Have you ever wondered how the bad guys actually get control of a system? And, how they convert that system into a data-syphoning droid? Then you won't want to miss our next live demo, where AlienVault security guru Tom D'Aquino will walk you through the steps of a system compromise, including how AlienVault USM detects these nefarious activities every step of the way.
You'll learn:
How attackers exploit vulnerabilities to take control of systems
What they do next to find & exfiltrate valuable data
How to catch them before the damage is done with AlienVault USM
Using a real-world example of a common vulnerability, Tom will show you how USM gives you the evidence you need to stop an attack in its tracks.
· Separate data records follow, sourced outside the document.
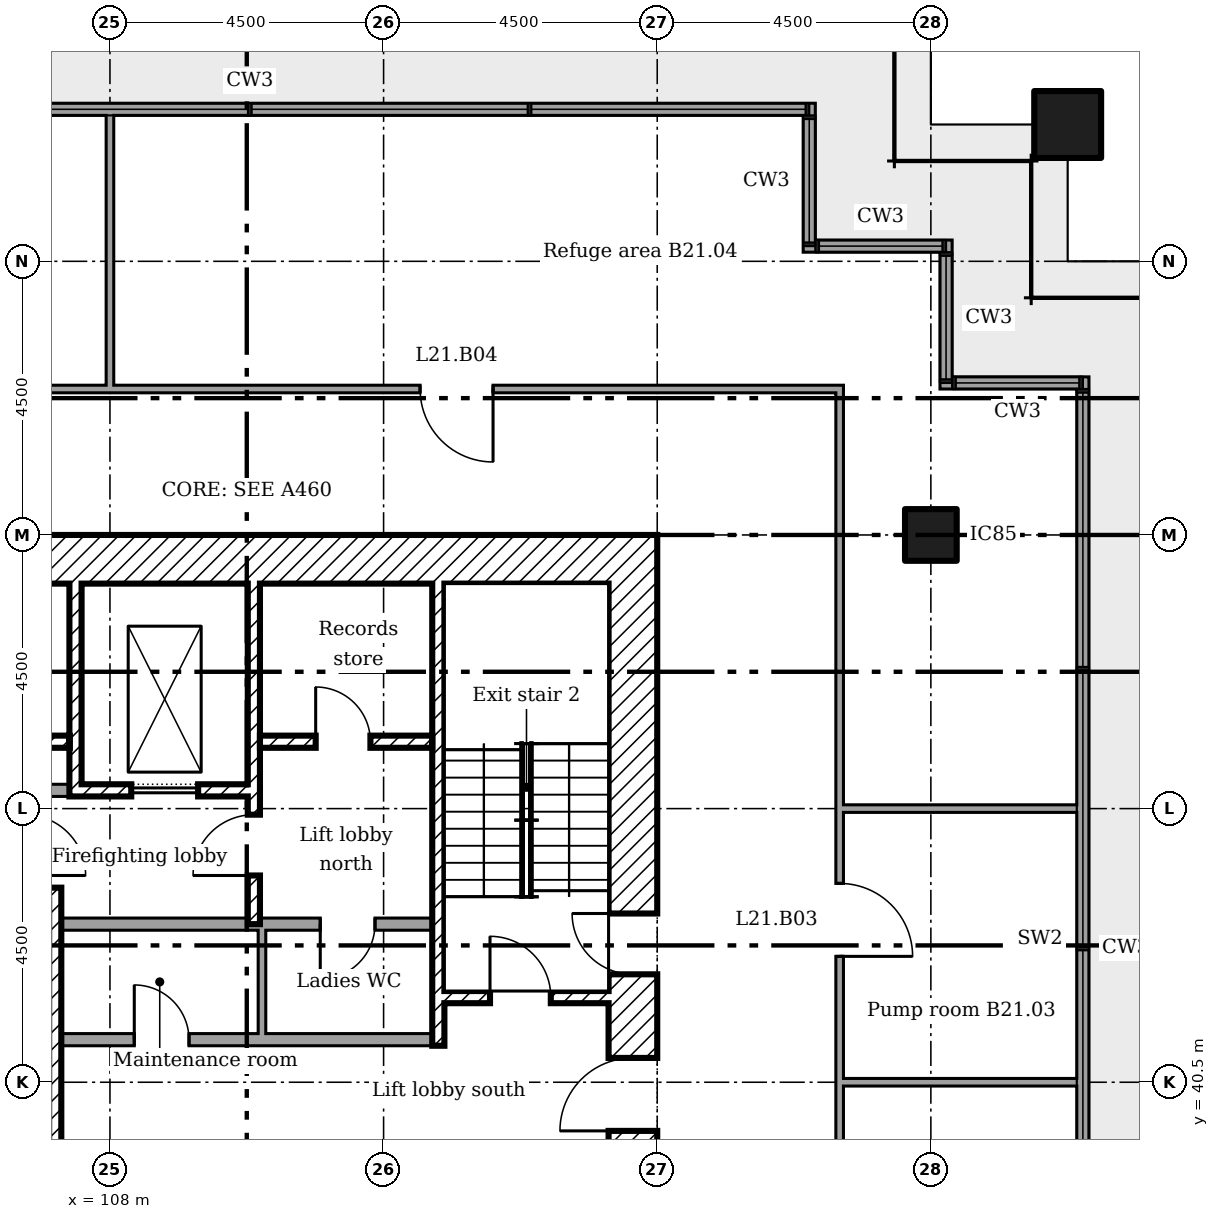
"""IFC4 building model, lengths in metres.
Left out: names, types, materials, properties, quantities, classifications, styles, units other than length and angle.
Written with IfcOpenShell. Run it as: python <this file> out.ifc"""

import sys

from ifc_helpers import new_model, si_unit, direction, frame, frame_2d, origin, origin_2d, place, context, subcontext, project, spatial, rectangle, extrude, element, fill, save


model = new_model("IFC4")
c1 = context("Model", 3, precision=1e-05, world=origin(), true_north=direction((0.0, 1.0)))
c2 = subcontext(c1, "Body", "Model", "MODEL_VIEW")
j1 = project(units=[si_unit("LENGTHUNIT", "METRE"), si_unit("PLANEANGLEUNIT", "RADIAN")], contexts=[c1])
p1 = place(None, origin())
s1 = spatial("IfcSite", under=j1, at=p1, CompositionType="ELEMENT")
p2 = place(p1, origin())
s2 = spatial("IfcBuilding", under=s1, at=p2, CompositionType="ELEMENT")
p3 = place(p2, frame((0.0, 0.0, 87.0)))
s3 = spatial("IfcBuildingStorey", under=s2, at=p3, CompositionType="ELEMENT", Elevation=87.0)
p4 = place(p3, frame((123.75, 56.25, 0.0)))
e1 = element("IfcColumn", 1, at=p4, inside=s3, PredefinedType="COLUMN", context=c2, shape_type="SweptSolid", body=[
    extrude(rectangle(XDim=1.1, YDim=1.1, at=origin_2d()), origin(), (0.0, 0.0, 1.0), 5.0),
])
p5 = place(p3, frame((121.5, 49.5, 0.0)))
e2 = element("IfcColumn", 2, at=p5, inside=s3, PredefinedType="COLUMN", context=c2, shape_type="SweptSolid", body=[
    extrude(rectangle(XDim=0.85, YDim=0.85, at=origin_2d()), origin(), (0.0, 0.0, 1.0), 5.0),
])
p6 = place(p3, frame((124.0, 33.6, 0.0), z_axis=(0.0, 0.0, 1.0), x_axis=(0.0, 1.0, 0.0)))
e3 = element("IfcWall", 3, at=p6, inside=s3, PredefinedType="ELEMENTEDWALL", context=c2, shape_type="SweptSolid", body=[
    extrude(rectangle(XDim=18.5, YDim=0.2, at=frame_2d((9.25, 0.0))), origin(), (0.0, 0.0, 1.0), 1.8),
])
for number, where, z_axis, x_axis in (
    (4, (123.9, 52.0, 0.0), (0.0, 0.0, 1.0), (-1.0, 0.0, 0.0)),
    (5, (121.75, 52.1, 0.0), (0.0, 0.0, 1.0), (0.0, 1.0, 0.0)),
    (6, (121.65, 54.25, 0.0), (0.0, 0.0, 1.0), (-1.0, 0.0, 0.0)),
    (7, (119.5, 54.35, 0.0), (0.0, 0.0, 1.0), (0.0, 1.0, 0.0)),
):
    element("IfcWall", number, at=place(p3, frame(where, z_axis=z_axis, x_axis=x_axis)), inside=s3, PredefinedType="ELEMENTEDWALL", context=c2, shape_type="SweptSolid", body=[
        extrude(rectangle(XDim=2.25, YDim=0.2, at=frame_2d((1.125, 0.0))), origin(), (0.0, 0.0, 1.0), 1.8),
    ])
p7 = place(p3, frame((119.4, 56.5, 0.0), z_axis=(0.0, 0.0, 1.0), x_axis=(-1.0, 0.0, 0.0)))
e8 = element("IfcWall", 8, at=p7, inside=s3, PredefinedType="ELEMENTEDWALL", context=c2, shape_type="SweptSolid", body=[
    extrude(rectangle(XDim=18.5, YDim=0.2, at=frame_2d((9.25, 0.0))), origin(), (0.0, 0.0, 1.0), 1.8),
])
p8 = place(p3, frame((116.6, 36.0, 0.0), z_axis=(0.0, 0.0, 1.0), x_axis=(0.0, 1.0, 0.0)))
e9 = element("IfcWall", 9, at=p8, inside=s3, PredefinedType="SHEAR", context=c2, shape_type="SweptSolid", body=[
    extrude(rectangle(XDim=13.5, YDim=0.8, at=frame_2d((6.75, 0.0))), origin(), (0.0, 0.0, 1.0), 4.75),
])
p9 = place(p8, frame((3.7, 0.0, 0.0)))
e10 = element("IfcOpeningElement", 10, at=p9, cuts=e9, PredefinedType="OPENING", context=c2, shape_type="SweptSolid", body=[
    extrude(rectangle(XDim=1.2, YDim=2.1, at=frame_2d((0.6, 1.05))), frame((0.0, 0.41, 0.0), z_axis=(0.0, -1.0, 0.0), x_axis=(1.0, 0.0, 0.0)), (0.0, 0.0, 1.0), 0.82),
])
p10 = place(p8, frame((6.275, 0.0, 0.0)))
e11 = element("IfcOpeningElement", 11, at=p10, cuts=e9, PredefinedType="OPENING", context=c2, shape_type="SweptSolid", body=[
    extrude(rectangle(XDim=1.0, YDim=2.1, at=frame_2d((0.5, 1.05))), frame((0.0, 0.41, 0.0), z_axis=(0.0, -1.0, 0.0), x_axis=(1.0, 0.0, 0.0)), (0.0, 0.0, 1.0), 0.82),
])
p11 = place(p3, frame((104.3, 49.1, 0.0)))
e12 = element("IfcWall", 12, at=p11, inside=s3, PredefinedType="SHEAR", context=c2, shape_type="SweptSolid", body=[
    extrude(rectangle(XDim=11.9, YDim=0.8, at=frame_2d((5.95, 0.0))), origin(), (0.0, 0.0, 1.0), 4.75),
])
p12 = place(p3, frame((107.433, 48.7, 0.0), z_axis=(0.0, 0.0, 1.0), x_axis=(0.0, -1.0, 0.0)))
e13 = element("IfcWall", 13, at=p12, inside=s3, PredefinedType="SHEAR", context=c2, shape_type="SweptSolid", body=[
    extrude(rectangle(XDim=3.5, YDim=0.2, at=frame_2d((1.75, 0.0))), origin(), (0.0, 0.0, 1.0), 4.75),
])
p13 = place(p3, frame((110.367, 48.7, 0.0), z_axis=(0.0, 0.0, 1.0), x_axis=(0.0, -1.0, 0.0)))
e14 = element("IfcWall", 14, at=p13, inside=s3, PredefinedType="SHEAR", context=c2, shape_type="SweptSolid", body=[
    extrude(rectangle(XDim=5.6, YDim=0.2, at=frame_2d((2.8, 0.0))), origin(), (0.0, 0.0, 1.0), 4.75),
])
p14 = place(p13, frame((3.8, 0.0, 0.0)))
e15 = element("IfcOpeningElement", 15, at=p14, cuts=e14, PredefinedType="OPENING", context=c2, shape_type="SweptSolid", body=[
    extrude(rectangle(XDim=1.0, YDim=2.1, at=frame_2d((0.5, 1.05))), frame((0.0, 0.11, 0.0), z_axis=(0.0, -1.0, 0.0), x_axis=(1.0, 0.0, 0.0)), (0.0, 0.0, 1.0), 0.22),
])
p15 = place(p3, frame((106.5, 45.3, 0.0)))
e16 = element("IfcWall", 16, at=p15, inside=s3, PredefinedType="PARTITIONING", context=c2, shape_type="SweptSolid", body=[
    extrude(rectangle(XDim=0.833, YDim=0.2, at=frame_2d((0.417, 0.0))), origin(), (0.0, 0.0, 1.0), 4.75),
])
p16 = place(p3, frame((104.3, 46.1, 0.0)))
e17 = element("IfcWall", 17, at=p16, inside=s3, PredefinedType="SHEAR", context=c2, shape_type="SweptSolid", body=[
    extrude(rectangle(XDim=3.033, YDim=0.2, at=frame_2d((1.517, 0.0))), origin(), (0.0, 0.0, 1.0), 4.75),
])
p17 = place(p16, frame((1.217, 0.0, 0.0)))
e18 = element("IfcOpeningElement", 18, at=p17, cuts=e17, PredefinedType="OPENING", context=c2, shape_type="SweptSolid", body=[
    extrude(rectangle(XDim=0.9, YDim=2.1, at=frame_2d((0.45, 1.05))), frame((0.0, 0.11, 0.0), z_axis=(0.0, -1.0, 0.0), x_axis=(1.0, 0.0, 0.0)), (0.0, 0.0, 1.0), 0.22),
])
p18 = place(p3, frame((110.467, 46.1, 0.0)))
e19 = element("IfcWall", 19, at=p18, inside=s3, PredefinedType="SHEAR", context=c2, shape_type="SweptSolid", body=[
    extrude(rectangle(XDim=2.833, YDim=0.2, at=frame_2d((1.417, 0.0))), origin(), (0.0, 0.0, 1.0), 4.75),
])
p19 = place(p18, frame((0.917, 0.0, 0.0)))
e20 = element("IfcOpeningElement", 20, at=p19, cuts=e19, PredefinedType="OPENING", context=c2, shape_type="SweptSolid", body=[
    extrude(rectangle(XDim=0.9, YDim=2.1, at=frame_2d((0.45, 1.05))), frame((0.0, 0.11, 0.0), z_axis=(0.0, -1.0, 0.0), x_axis=(1.0, 0.0, 0.0)), (0.0, 0.0, 1.0), 0.22),
])
p20 = place(p3, frame((107.533, 45.3, 0.0)))
e21 = element("IfcWall", 21, at=p20, inside=s3, PredefinedType="SHEAR", context=c2, shape_type="SweptSolid", body=[
    extrude(rectangle(XDim=2.733, YDim=0.2, at=frame_2d((1.367, 0.0))), origin(), (0.0, 0.0, 1.0), 4.75),
])
p21 = place(p20, frame((0.817, 0.0, 0.0)))
e22 = element("IfcOpeningElement", 22, at=p21, cuts=e21, PredefinedType="OPENING", context=c2, shape_type="SweptSolid", body=[
    extrude(rectangle(XDim=1.1, YDim=2.1, at=frame_2d((0.55, 1.05))), frame((0.0, 0.11, 0.0), z_axis=(0.0, -1.0, 0.0), x_axis=(1.0, 0.0, 0.0)), (0.0, 0.0, 1.0), 0.22),
])
p22 = place(p3, frame((107.1, 36.8, 0.0), z_axis=(0.0, 0.0, 1.0), x_axis=(0.0, 1.0, 0.0)))
e23 = element("IfcWall", 23, at=p22, inside=s3, PredefinedType="SHEAR", context=c2, shape_type="SweptSolid", body=[
    extrude(rectangle(XDim=6.9, YDim=0.2, at=frame_2d((3.45, 0.0))), origin(), (0.0, 0.0, 1.0), 4.75),
])
p23 = place(p3, frame((113.5, 41.9, 0.0)))
e24 = element("IfcWall", 24, at=p23, inside=s3, PredefinedType="SHEAR", context=c2, shape_type="SweptSolid", body=[
    extrude(rectangle(XDim=2.7, YDim=0.2, at=frame_2d((1.35, 0.0))), origin(), (0.0, 0.0, 1.0), 4.75),
])
p24 = place(p23, frame((0.75, 0.0, 0.0)))
e25 = element("IfcOpeningElement", 25, at=p24, cuts=e24, PredefinedType="OPENING", context=c2, shape_type="SweptSolid", body=[
    extrude(rectangle(XDim=1.0, YDim=2.1, at=frame_2d((0.5, 1.05))), frame((0.0, 0.11, 0.0), z_axis=(0.0, -1.0, 0.0), x_axis=(1.0, 0.0, 0.0)), (0.0, 0.0, 1.0), 0.22),
])
p25 = place(p3, frame((113.4, 41.1, 0.0), z_axis=(0.0, 0.0, 1.0), x_axis=(0.0, 1.0, 0.0)))
e26 = element("IfcWall", 26, at=p25, inside=s3, PredefinedType="SHEAR", context=c2, shape_type="SweptSolid", body=[
    extrude(rectangle(XDim=7.6, YDim=0.2, at=frame_2d((3.8, 0.0))), origin(), (0.0, 0.0, 1.0), 4.75),
])
p26 = place(p3, frame((107.2, 43.1, 0.0)))
e27 = element("IfcWall", 27, at=p26, inside=s3, PredefinedType="PARTITIONING", context=c2, shape_type="SweptSolid", body=[
    extrude(rectangle(XDim=6.1, YDim=0.2, at=frame_2d((3.05, 0.0))), origin(), (0.0, 0.0, 1.0), 4.75),
])
p27 = place(p26, frame((4.259, 0.0, 0.0)))
e28 = element("IfcOpeningElement", 28, at=p27, cuts=e27, PredefinedType="OPENING", context=c2, shape_type="SweptSolid", body=[
    extrude(rectangle(XDim=0.9, YDim=2.1, at=frame_2d((0.45, 1.05))), frame((0.0, 0.11, 0.0), z_axis=(0.0, -1.0, 0.0), x_axis=(1.0, 0.0, 0.0)), (0.0, 0.0, 1.0), 0.22),
])
p28 = place(p3, frame((107.2, 41.2, 0.0)))
e29 = element("IfcWall", 29, at=p28, inside=s3, PredefinedType="PARTITIONING", context=c2, shape_type="SweptSolid", body=[
    extrude(rectangle(XDim=6.1, YDim=0.2, at=frame_2d((3.05, 0.0))), origin(), (0.0, 0.0, 1.0), 4.75),
])
p29 = place(p28, frame((1.2, 0.0, 0.0)))
e30 = element("IfcOpeningElement", 30, at=p29, cuts=e29, PredefinedType="OPENING", context=c2, shape_type="SweptSolid", body=[
    extrude(rectangle(XDim=0.9, YDim=2.1, at=frame_2d((0.45, 1.05))), frame((0.0, 0.11, 0.0), z_axis=(0.0, -1.0, 0.0), x_axis=(1.0, 0.0, 0.0)), (0.0, 0.0, 1.0), 0.22),
])
p30 = place(p3, frame((110.5, 41.3, 0.0), z_axis=(0.0, 0.0, 1.0), x_axis=(0.0, 1.0, 0.0)))
e31 = element("IfcWall", 31, at=p30, inside=s3, PredefinedType="PARTITIONING", context=c2, shape_type="SweptSolid", body=[
    extrude(rectangle(XDim=1.7, YDim=0.125, at=frame_2d((0.85, 0.0))), origin(), (0.0, 0.0, 1.0), 4.75),
])
for number, where in (
    (32, (120.0, 40.5, 0.0)),
    (33, (120.0, 45.0, 0.0)),
):
    element("IfcWall", number, at=place(p3, frame(where)), inside=s3, PredefinedType="PARTITIONING", context=c2, shape_type="SweptSolid", body=[
        extrude(rectangle(XDim=3.9, YDim=0.125, at=frame_2d((1.95, 0.0))), origin(), (0.0, 0.0, 1.0), 4.251),
    ])
p31 = place(p3, frame((100.137, 51.9, 0.0)))
e34 = element("IfcWall", 34, at=p31, inside=s3, PredefinedType="PARTITIONING", context=c2, shape_type="SweptSolid", body=[
    extrude(rectangle(XDim=19.925, YDim=0.125, at=frame_2d((9.962, 0.0))), origin(), (0.0, 0.0, 1.0), 4.85),
])
p32 = place(p31, frame((12.962, 0.0, 0.0)))
e35 = element("IfcOpeningElement", 35, at=p32, cuts=e34, PredefinedType="OPENING", context=c2, shape_type="SweptSolid", body=[
    extrude(rectangle(XDim=1.2, YDim=2.1, at=frame_2d((0.6, 1.05))), frame((0.0, 0.073, 0.0), z_axis=(0.0, -1.0, 0.0), x_axis=(1.0, 0.0, 0.0)), (0.0, 0.0, 1.0), 0.145),
])
p33 = place(p31, frame((4.593, 0.0, 0.0)))
e36 = element("IfcOpeningElement", 36, at=p33, cuts=e34, PredefinedType="OPENING", context=c2, shape_type="SweptSolid", body=[
    extrude(rectangle(XDim=1.2, YDim=2.1, at=frame_2d((0.6, 1.05))), frame((0.0, 0.073, 0.0), z_axis=(0.0, -1.0, 0.0), x_axis=(1.0, 0.0, 0.0)), (0.0, 0.0, 1.0), 0.145),
])
p34 = place(p3, frame((108.0, 51.9, 0.0), z_axis=(0.0, 0.0, 1.0), x_axis=(0.0, 1.0, 0.0)))
e37 = element("IfcWall", 37, at=p34, inside=s3, PredefinedType="PARTITIONING", context=c2, shape_type="SweptSolid", body=[
    extrude(rectangle(XDim=4.5, YDim=0.125, at=frame_2d((2.25, 0.0))), origin(), (0.0, 0.0, 1.0), 4.162),
])
p35 = place(p3, frame((120.0, 33.962, 0.0), z_axis=(0.0, 0.0, 1.0), x_axis=(0.0, 1.0, 0.0)))
e38 = element("IfcWall", 38, at=p35, inside=s3, PredefinedType="PARTITIONING", context=c2, shape_type="SweptSolid", body=[
    extrude(rectangle(XDim=17.875, YDim=0.125, at=frame_2d((8.938, 0.0))), origin(), (0.0, 0.0, 1.0), 4.85),
])
p36 = place(p35, frame((8.607, 0.0, 0.0)))
e39 = element("IfcOpeningElement", 39, at=p36, cuts=e38, PredefinedType="OPENING", context=c2, shape_type="SweptSolid", body=[
    extrude(rectangle(XDim=1.2, YDim=2.1, at=frame_2d((0.6, 1.05))), frame((0.0, 0.073, 0.0), z_axis=(0.0, -1.0, 0.0), x_axis=(1.0, 0.0, 0.0)), (0.0, 0.0, 1.0), 0.145),
])
p37 = place(p9, origin())
e40 = element("IfcDoor", 40, at=p37, inside=s3, OperationType="SINGLE_SWING_RIGHT", PredefinedType="DOOR", context=c2, shape_type="SweptSolid", body=[
    extrude(rectangle(XDim=1.2, YDim=2.1, at=frame_2d((0.6, 1.05))), frame((0.0, 0.025, 0.0), z_axis=(0.0, -1.0, 0.0), x_axis=(1.0, 0.0, 0.0)), (0.0, 0.0, 1.0), 0.05),
])
fill(e10, e40)
p38 = place(p24, origin())
e41 = element("IfcDoor", 41, at=p38, inside=s3, OperationType="SINGLE_SWING_RIGHT", PredefinedType="DOOR", context=c2, shape_type="SweptSolid", body=[
    extrude(rectangle(XDim=1.0, YDim=2.1, at=frame_2d((0.5, 1.05))), frame((0.0, 0.025, 0.0), z_axis=(0.0, -1.0, 0.0), x_axis=(1.0, 0.0, 0.0)), (0.0, 0.0, 1.0), 0.05),
])
fill(e25, e41)
p39 = place(p10, origin())
e42 = element("IfcDoor", 42, at=p39, inside=s3, OperationType="SINGLE_SWING_LEFT", PredefinedType="DOOR", context=c2, shape_type="SweptSolid", body=[
    extrude(rectangle(XDim=1.0, YDim=2.1, at=frame_2d((0.5, 1.05))), frame((0.0, 0.025, 0.0), z_axis=(0.0, -1.0, 0.0), x_axis=(1.0, 0.0, 0.0)), (0.0, 0.0, 1.0), 0.05),
])
fill(e11, e42)
p40 = place(p14, frame((1.0, 0.0, 0.0), x_axis=(-1.0, 0.0, 0.0)))
e43 = element("IfcDoor", 43, at=p40, inside=s3, OperationType="SINGLE_SWING_RIGHT", PredefinedType="DOOR", context=c2, shape_type="SweptSolid", body=[
    extrude(rectangle(XDim=1.0, YDim=2.1, at=frame_2d((0.5, 1.05))), frame((0.0, 0.025, 0.0), z_axis=(0.0, -1.0, 0.0), x_axis=(1.0, 0.0, 0.0)), (0.0, 0.0, 1.0), 0.05),
])
fill(e15, e43)
p41 = place(p19, origin())
e44 = element("IfcDoor", 44, at=p41, inside=s3, OperationType="SINGLE_SWING_RIGHT", PredefinedType="DOOR", context=c2, shape_type="SweptSolid", body=[
    extrude(rectangle(XDim=0.9, YDim=2.1, at=frame_2d((0.45, 1.05))), frame((0.0, 0.025, 0.0), z_axis=(0.0, -1.0, 0.0), x_axis=(1.0, 0.0, 0.0)), (0.0, 0.0, 1.0), 0.05),
])
fill(e20, e44)
p42 = place(p29, origin())
e45 = element("IfcDoor", 45, at=p42, inside=s3, OperationType="SINGLE_SWING_RIGHT", PredefinedType="DOOR", context=c2, shape_type="SweptSolid", body=[
    extrude(rectangle(XDim=0.9, YDim=2.1, at=frame_2d((0.45, 1.05))), frame((0.0, 0.025, 0.0), z_axis=(0.0, -1.0, 0.0), x_axis=(1.0, 0.0, 0.0)), (0.0, 0.0, 1.0), 0.05),
])
fill(e30, e45)
p43 = place(p27, frame((0.9, 0.0, 0.0), x_axis=(-1.0, 0.0, 0.0)))
e46 = element("IfcDoor", 46, at=p43, inside=s3, OperationType="SINGLE_SWING_LEFT", PredefinedType="DOOR", context=c2, shape_type="SweptSolid", body=[
    extrude(rectangle(XDim=0.9, YDim=2.1, at=frame_2d((0.45, 1.05))), frame((0.0, 0.025, 0.0), z_axis=(0.0, -1.0, 0.0), x_axis=(1.0, 0.0, 0.0)), (0.0, 0.0, 1.0), 0.05),
])
fill(e28, e46)
p44 = place(p21, origin())
e47 = element("IfcDoor", 47, at=p44, inside=s3, OperationType="SLIDING_TO_LEFT", PredefinedType="DOOR", context=c2, shape_type="SweptSolid", body=[
    extrude(rectangle(XDim=1.1, YDim=2.1, at=frame_2d((0.55, 1.05))), frame((0.0, 0.025, 0.0), z_axis=(0.0, -1.0, 0.0), x_axis=(1.0, 0.0, 0.0)), (0.0, 0.0, 1.0), 0.05),
])
fill(e22, e47)
p45 = place(p36, frame((1.2, 0.0, 0.0), x_axis=(-1.0, 0.0, 0.0)))
e48 = element("IfcDoor", 48, at=p45, inside=s3, OperationType="SINGLE_SWING_LEFT", PredefinedType="DOOR", context=c2, shape_type="SweptSolid", body=[
    extrude(rectangle(XDim=1.2, YDim=2.1, at=frame_2d((0.6, 1.05))), frame((0.0, 0.025, 0.0), z_axis=(0.0, -1.0, 0.0), x_axis=(1.0, 0.0, 0.0)), (0.0, 0.0, 1.0), 0.05),
])
fill(e39, e48)
p46 = place(p32, frame((1.2, 0.0, 0.0), x_axis=(-1.0, 0.0, 0.0)))
e49 = element("IfcDoor", 49, at=p46, inside=s3, OperationType="SINGLE_SWING_RIGHT", PredefinedType="DOOR", context=c2, shape_type="SweptSolid", body=[
    extrude(rectangle(XDim=1.2, YDim=2.1, at=frame_2d((0.6, 1.05))), frame((0.0, 0.025, 0.0), z_axis=(0.0, -1.0, 0.0), x_axis=(1.0, 0.0, 0.0)), (0.0, 0.0, 1.0), 0.05),
])
fill(e35, e49)
save(model, sys.argv[1])

08448380779 Call Girls In Civil Lines Women Seeking Men
How to Detect System Compromise & Data Exfiltration
1. Live Demo: How to Detect System
Compromise and Data Exfiltration
2. @AlienVault
About AlienVault
AlienVault has unified the security products, intelligence and
community essential for mid-sized businesses to defend against
today’s modern threats
3. @AlienVault
Threat landscape: Our new reality
• More and more organizations are finding
themselves in the crosshairs of various bad
actors for a variety of reasons.
• The number of organizations experiencing high
profile breaches is unprecedented.
• The “security arms race” cannot continue
indefinitely as the economics of securing your
organization is stacked so heavily in favor of
those launching attacks that incremental
security investments are seen as impractical.
84%
of organizations breached
had evidence of the
breach in their log files…
4. “There are two types of companies that use
computers. Victims of crime that know they are
victims of crime and victims of crime that don’t
have a clue yet.”
- James Routh, 2007
CISO Depository Trust Clearing Corporation
@AlienVault
Prevention is elusive
5. “How would you change your strategy if you
knew for certain that you were going to be
@AlienVault
compromised?”
- Martin Roesch, 2013
Founder & CTO Sourcefire, Author SNORT
6. @AlienVault
Get (Very) good at detection & response
Prevent Detect & Respond
The basics are in
place for most
companies…but
this alone is a
‘proven’ failed
strategy.
New capabilities to develop
7. @AlienVault
So many security technologies to choose from
Given the 10 most recommended technologies and
the pricing range, an organization could expect to
spend anywhere from $225,000 to $1.46m in its
first year, including technology and staff.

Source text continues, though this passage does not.